Texas Supreme Court upholds property tax exemption for Student Housing Authority’s dormitory used by summer campers

Texas Supreme Court upholds property tax exemption for Student Housing Authority’s dormitory used by summer campers

On April 24, 2015, the Texas Supreme Court in Texas Student Housing Authority v. Brazos County Appraisal District and Appraisal Review Board for Brazos County Appraisal District rejected a county appraisal district’s argument that dormitory-like property owned by the Texas Student Housing Authority (TSHA) lost its property tax exemption by providing summer lodging to non-college students attending summer camps at Texas A&M University (TAMU).

The TSHA is a nonprofit organization that owned the Cambridge, a student-residential facility that exclusively housed college students a majority of the year.  The students attended nearby TAMU and Blinn College. During the summers of 2005 through 2008, the Cambridge housed summer camp participants at TAMU, in addition to college students who attended TAMU and Blinn.

Exemption voided due to use by non-college students. On the basis of housing the non-college participants, the Brazos County Appraisal District (BCAD) voided TSHA’s tax-exempt status for years 2005 through 2008 and assessed millions of dollars in back taxes. TSHA argued it was entitled to the exemption under the Texas Education Code and Texas Tax Code. TSHA was unsuccessful at the administrative level and trial court level. The Texas Court of Appeals reversed the denial of the exemption for 2005, distinguishing it from the other years on the basis that the Cambridge exclusively housed non-college students from programs which had “definite and intimate relationships with TAMU” that summer; the programs were “forged or supported by legislative mandate.” (Page 3, ¶ 3.) The Texas Court of Appeals affirmed the denial of the exemption for 2006 through 2008, holding TSHA did not satisfy the exemption’s requirement under the Texas Education Code that a student housing authority property be “devoted exclusively to the use and benefit of the students, faculty and staff members of an accredited institution of higher education.” (Page 3, ¶ 2) The Court of Appeals also rejected TSHA’s exemption argument under the Tax Code.

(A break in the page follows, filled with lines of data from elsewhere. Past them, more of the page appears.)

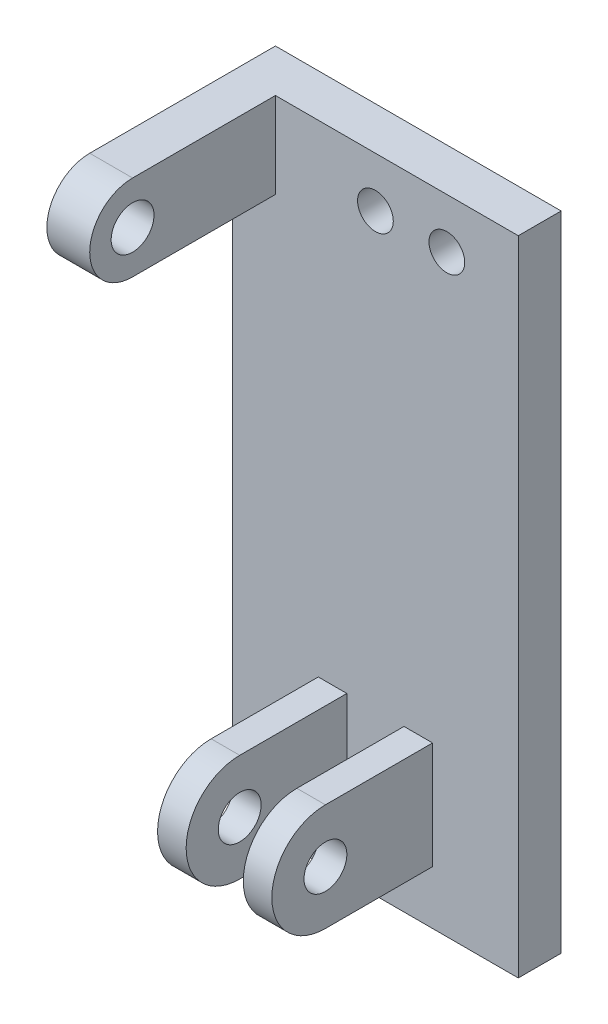
from build123d import *

# Parameters (mm, degrees)
SKETCH1_W           = 40
SKETCH1_H           = 90
BOSS_EXTRUDE1_DEPTH = 6
SKETCH2_R           = 2.5
CUT_EXTRUDE1_DEPTH  = 6
SKETCH3_R           = 3
BOSS_EXTRUDE2_DEPTH = 6
BOSS_EXTRUDE3_START = 4
SKETCH4_R           = 3
BOSS_EXTRUDE3_DEPTH = 4


with BuildPart() as part:
    # Sketch1 → Boss-Extrude1 (new body)
    with BuildSketch(Plane.XY):
        Rectangle(SKETCH1_W, SKETCH1_H)
    extrude(amount=BOSS_EXTRUDE1_DEPTH)

    # Sketch2 → Cut-Extrude1 (cut)
    with BuildSketch(Plane.XY.offset(6)):
        with Locations((0, 38)):
            Circle(SKETCH2_R)
        with Locations((10, 38)):
            Circle(SKETCH2_R)
    extrude(amount=-CUT_EXTRUDE1_DEPTH, mode=Mode.SUBTRACT)

    # Sketch3 → Boss-Extrude2 (add)
    with BuildSketch(Plane.ZY.offset(20)):
        with BuildLine():
            Line((26, 45), (6, 45))
            Line((6, 45), (6, 33))
            Line((6, 33), (26, 33))
            ThreePointArc((26, 33), (32, 39), (26, 45))
        make_face()
        with Locations(Location((26, 39, 0), (0, 0, 270))):
            Circle(SKETCH3_R, mode=Mode.SUBTRACT)
    extrude(amount=-BOSS_EXTRUDE2_DEPTH)

    # Sketch4 → Boss-Extrude3 (add)
    with BuildSketch(Plane(origin=(0, 0, 0), x_dir=(0, 0, -1), z_dir=(1, 0, 0)).offset(BOSS_EXTRUDE3_START)):
        with BuildLine():
            Line((-21, -22.5), (-6, -22.5))
            Line((-6, -22.5), (-6, -37.5))
            Line((-6, -37.5), (-21, -37.5))
            ThreePointArc((-21, -37.5), (-28.5, -30), (-21, -22.5))
        make_face()
        with Locations((-21, -30)):
            Circle(SKETCH4_R, mode=Mode.SUBTRACT)
    boss_extrude3 = extrude(amount=BOSS_EXTRUDE3_DEPTH)

    # Mirror1: Boss-Extrude3 across plane
    add(boss_extrude3.mirror(Plane(origin=(0, 0, 0), x_dir=(0, 0, 1), z_dir=(1, 0, 0))))


solid = part.part
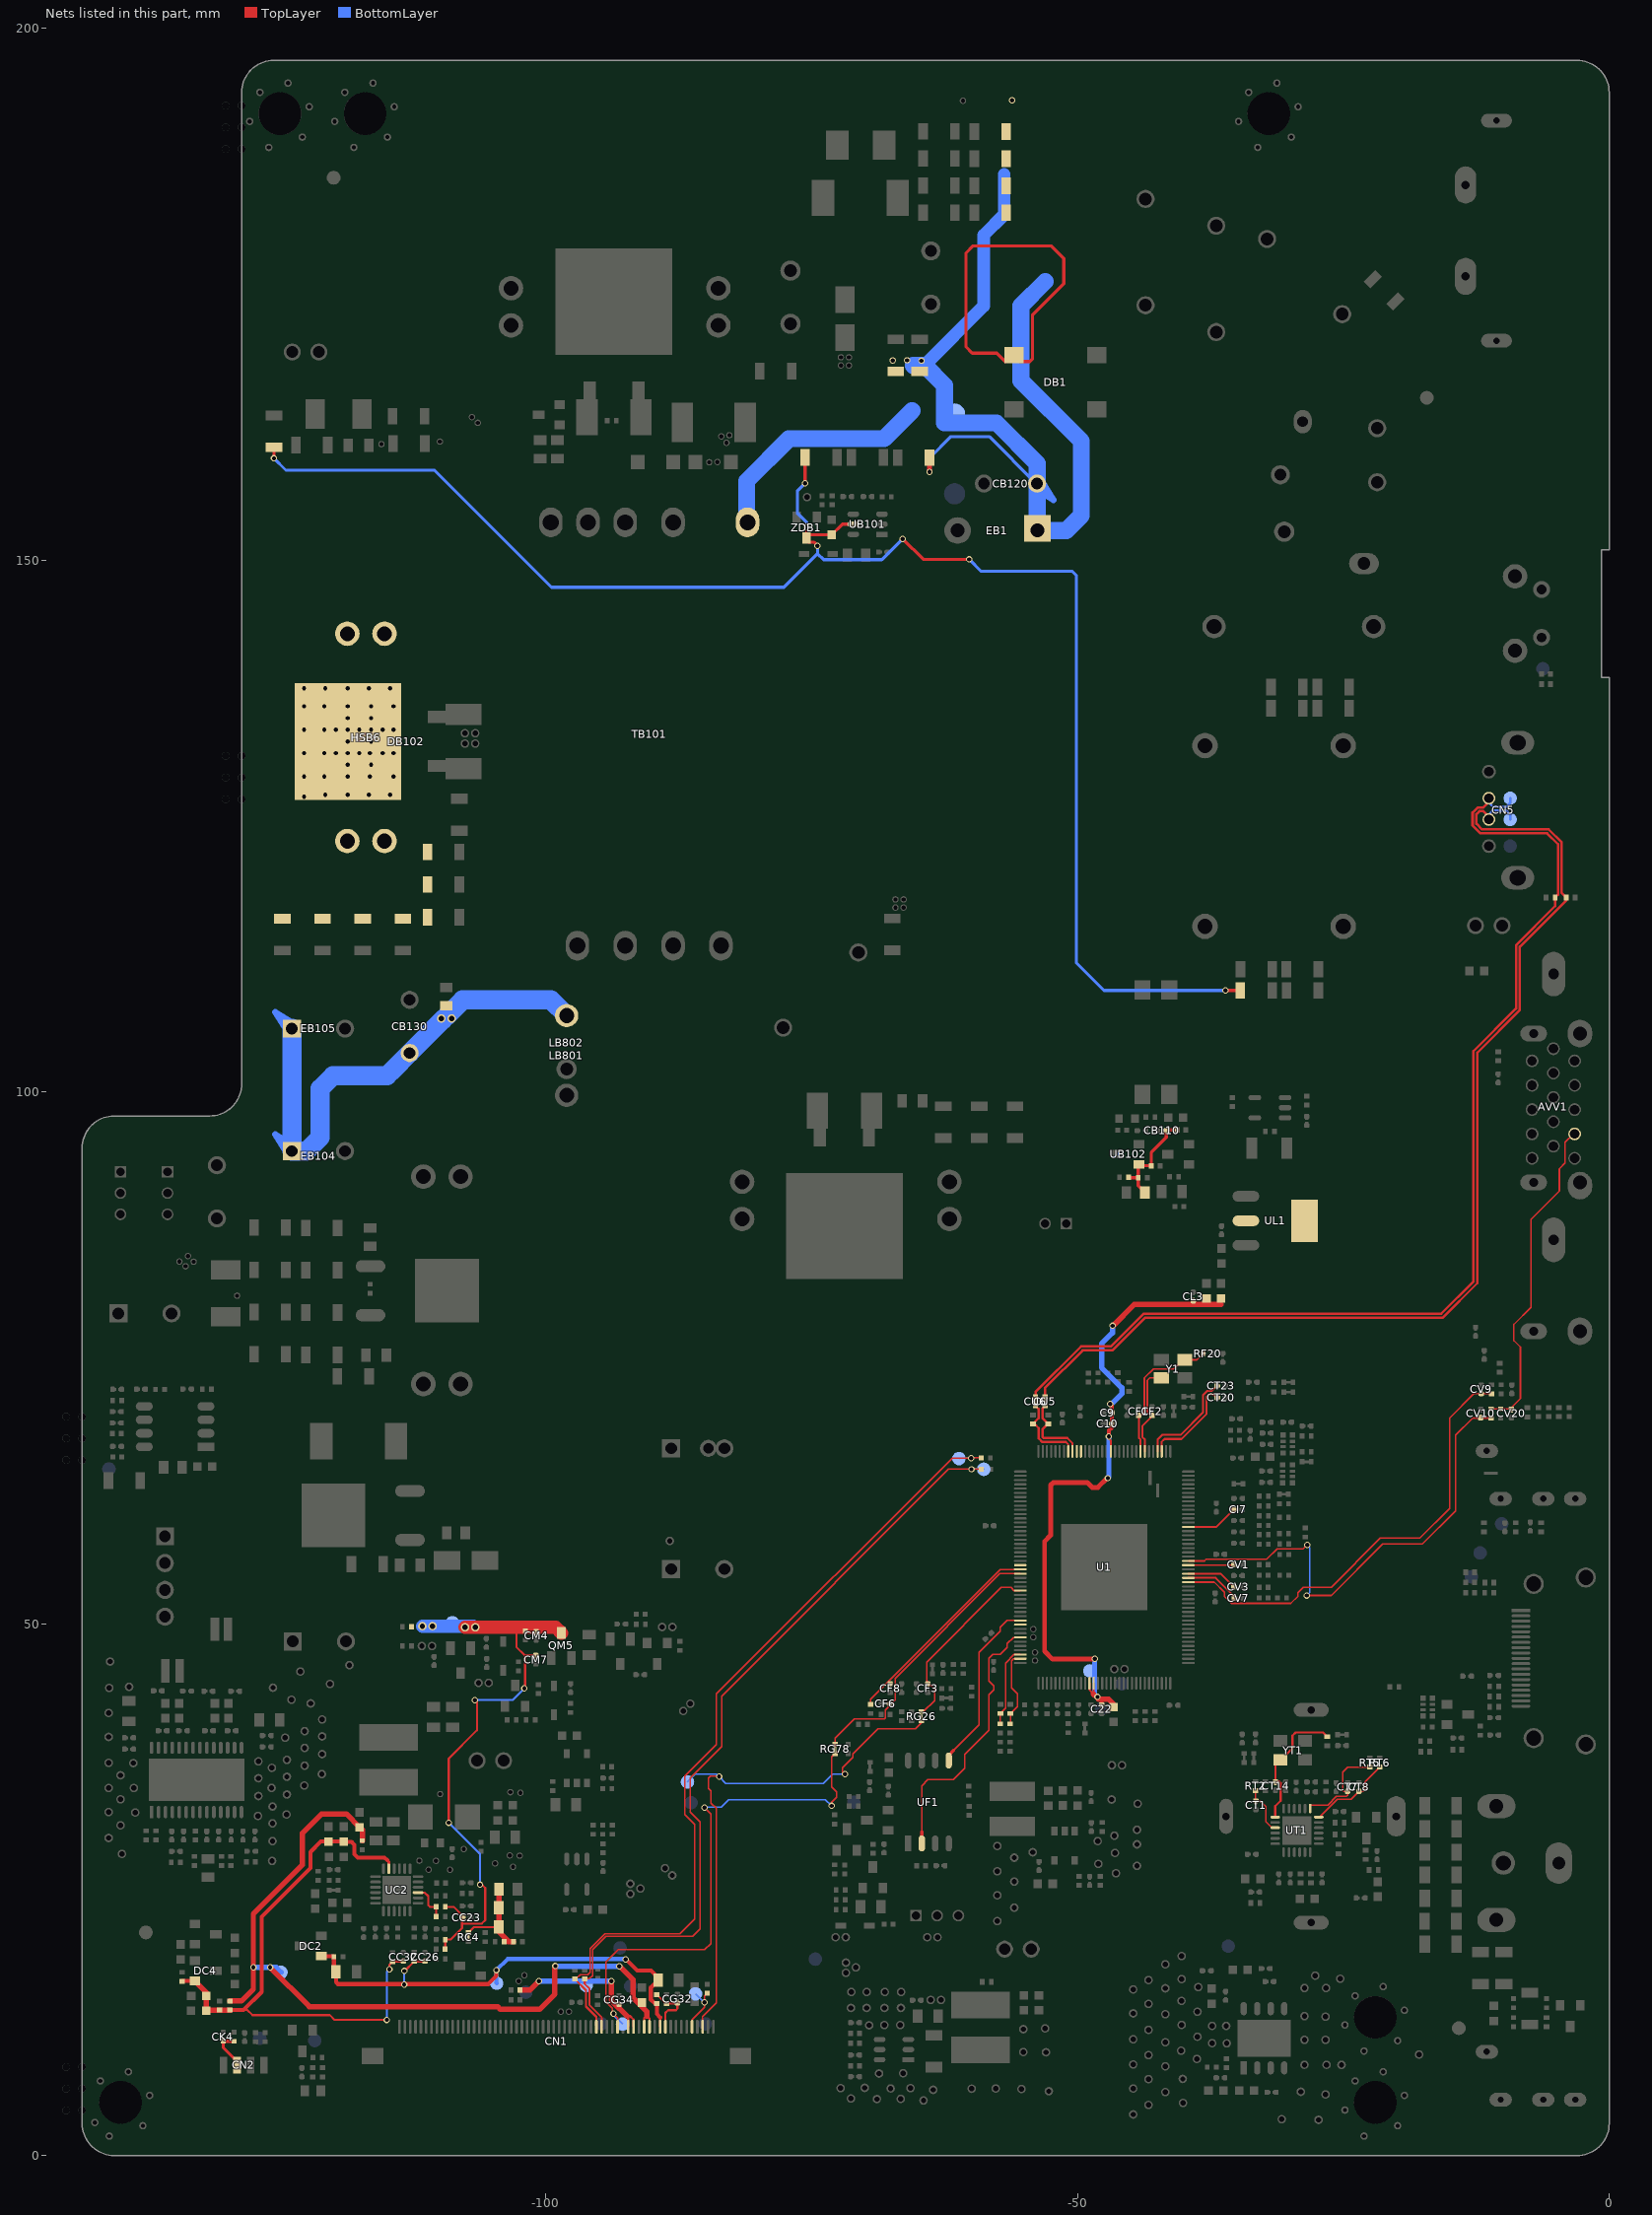
[diagram p0: the nets of this part, all layers, seen from the top]
# Altium PCB MISC86383-9.PcbDoc (part 15 of 18)
Units mm, origin at the board's own origin, x right, y up, seen from the top; angles counter-clockwise.
Board outline 143.6 x 197 mm, 2 copper layers (TopLayer, BottomLayer), stack 1.571 mm thick; 743 components, 401 nets, 2996 pads, 1077 vias.
Unrouted connection lines stored in the file: 4.

## Via types
v1: diameter 0.6, hole 0.4, TopLayer to BottomLayer, tented both sides, 993 vias
v2: diameter 0.6, hole 0.4, TopLayer to BottomLayer, 65 vias
v3: diameter 0.7, hole 0.5, TopLayer to BottomLayer, tented both sides, 15 vias
v4: diameter 0.8, hole 0.5, TopLayer to BottomLayer, tented both sides, 4 vias

## Nets (pads, with @x,y where several pads share a name; then routed paths per layer and width w, separated by ;. In a path a pad name is that pad's centre, name@x,y a point inside that pad or via, vN(x,y) a via of type N, cw(c..) or ccw(c..) an arc to the next point about the centre after c; other vN are vias at no path point) (continued)
SPI_SDI: U1.114 UF1.5 | length 16.7
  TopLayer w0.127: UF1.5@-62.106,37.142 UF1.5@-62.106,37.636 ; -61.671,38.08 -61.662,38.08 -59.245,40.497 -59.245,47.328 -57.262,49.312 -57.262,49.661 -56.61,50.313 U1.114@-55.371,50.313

Ownership, not use, determined exemption.  In a matter of first impression, the Texas Supreme Court phrased the issue as whether TSHA established its tax-exempt status as a matter of law. If TSHA was a higher education facility authority, the property tax exemption for Cambridge was absolute. The Court cited to Texas Educ. Code § 53.46, titled “Authority Exempt From Taxation,” and found that the statute declares higher education authorities tax-exempt and focuses on whether the owner is such an authority, not how the property is used. Because the Cambridge was owned by a higher education authority, the property tax exemption was absolute. However, the Court stated an authority has no power to acquire, hold, or use property beyond its statutory authorization. It further concluded that a potentially injured party with standing, such as the BCAD, could seek to constrain allegedly non-exempt use violations via an appropriate remedy, such as injunctive relief. However, the Court observed that the question of whether a denial of the property tax exemption for a higher education authority is appropriate is a policy judgment best left to the Legislature.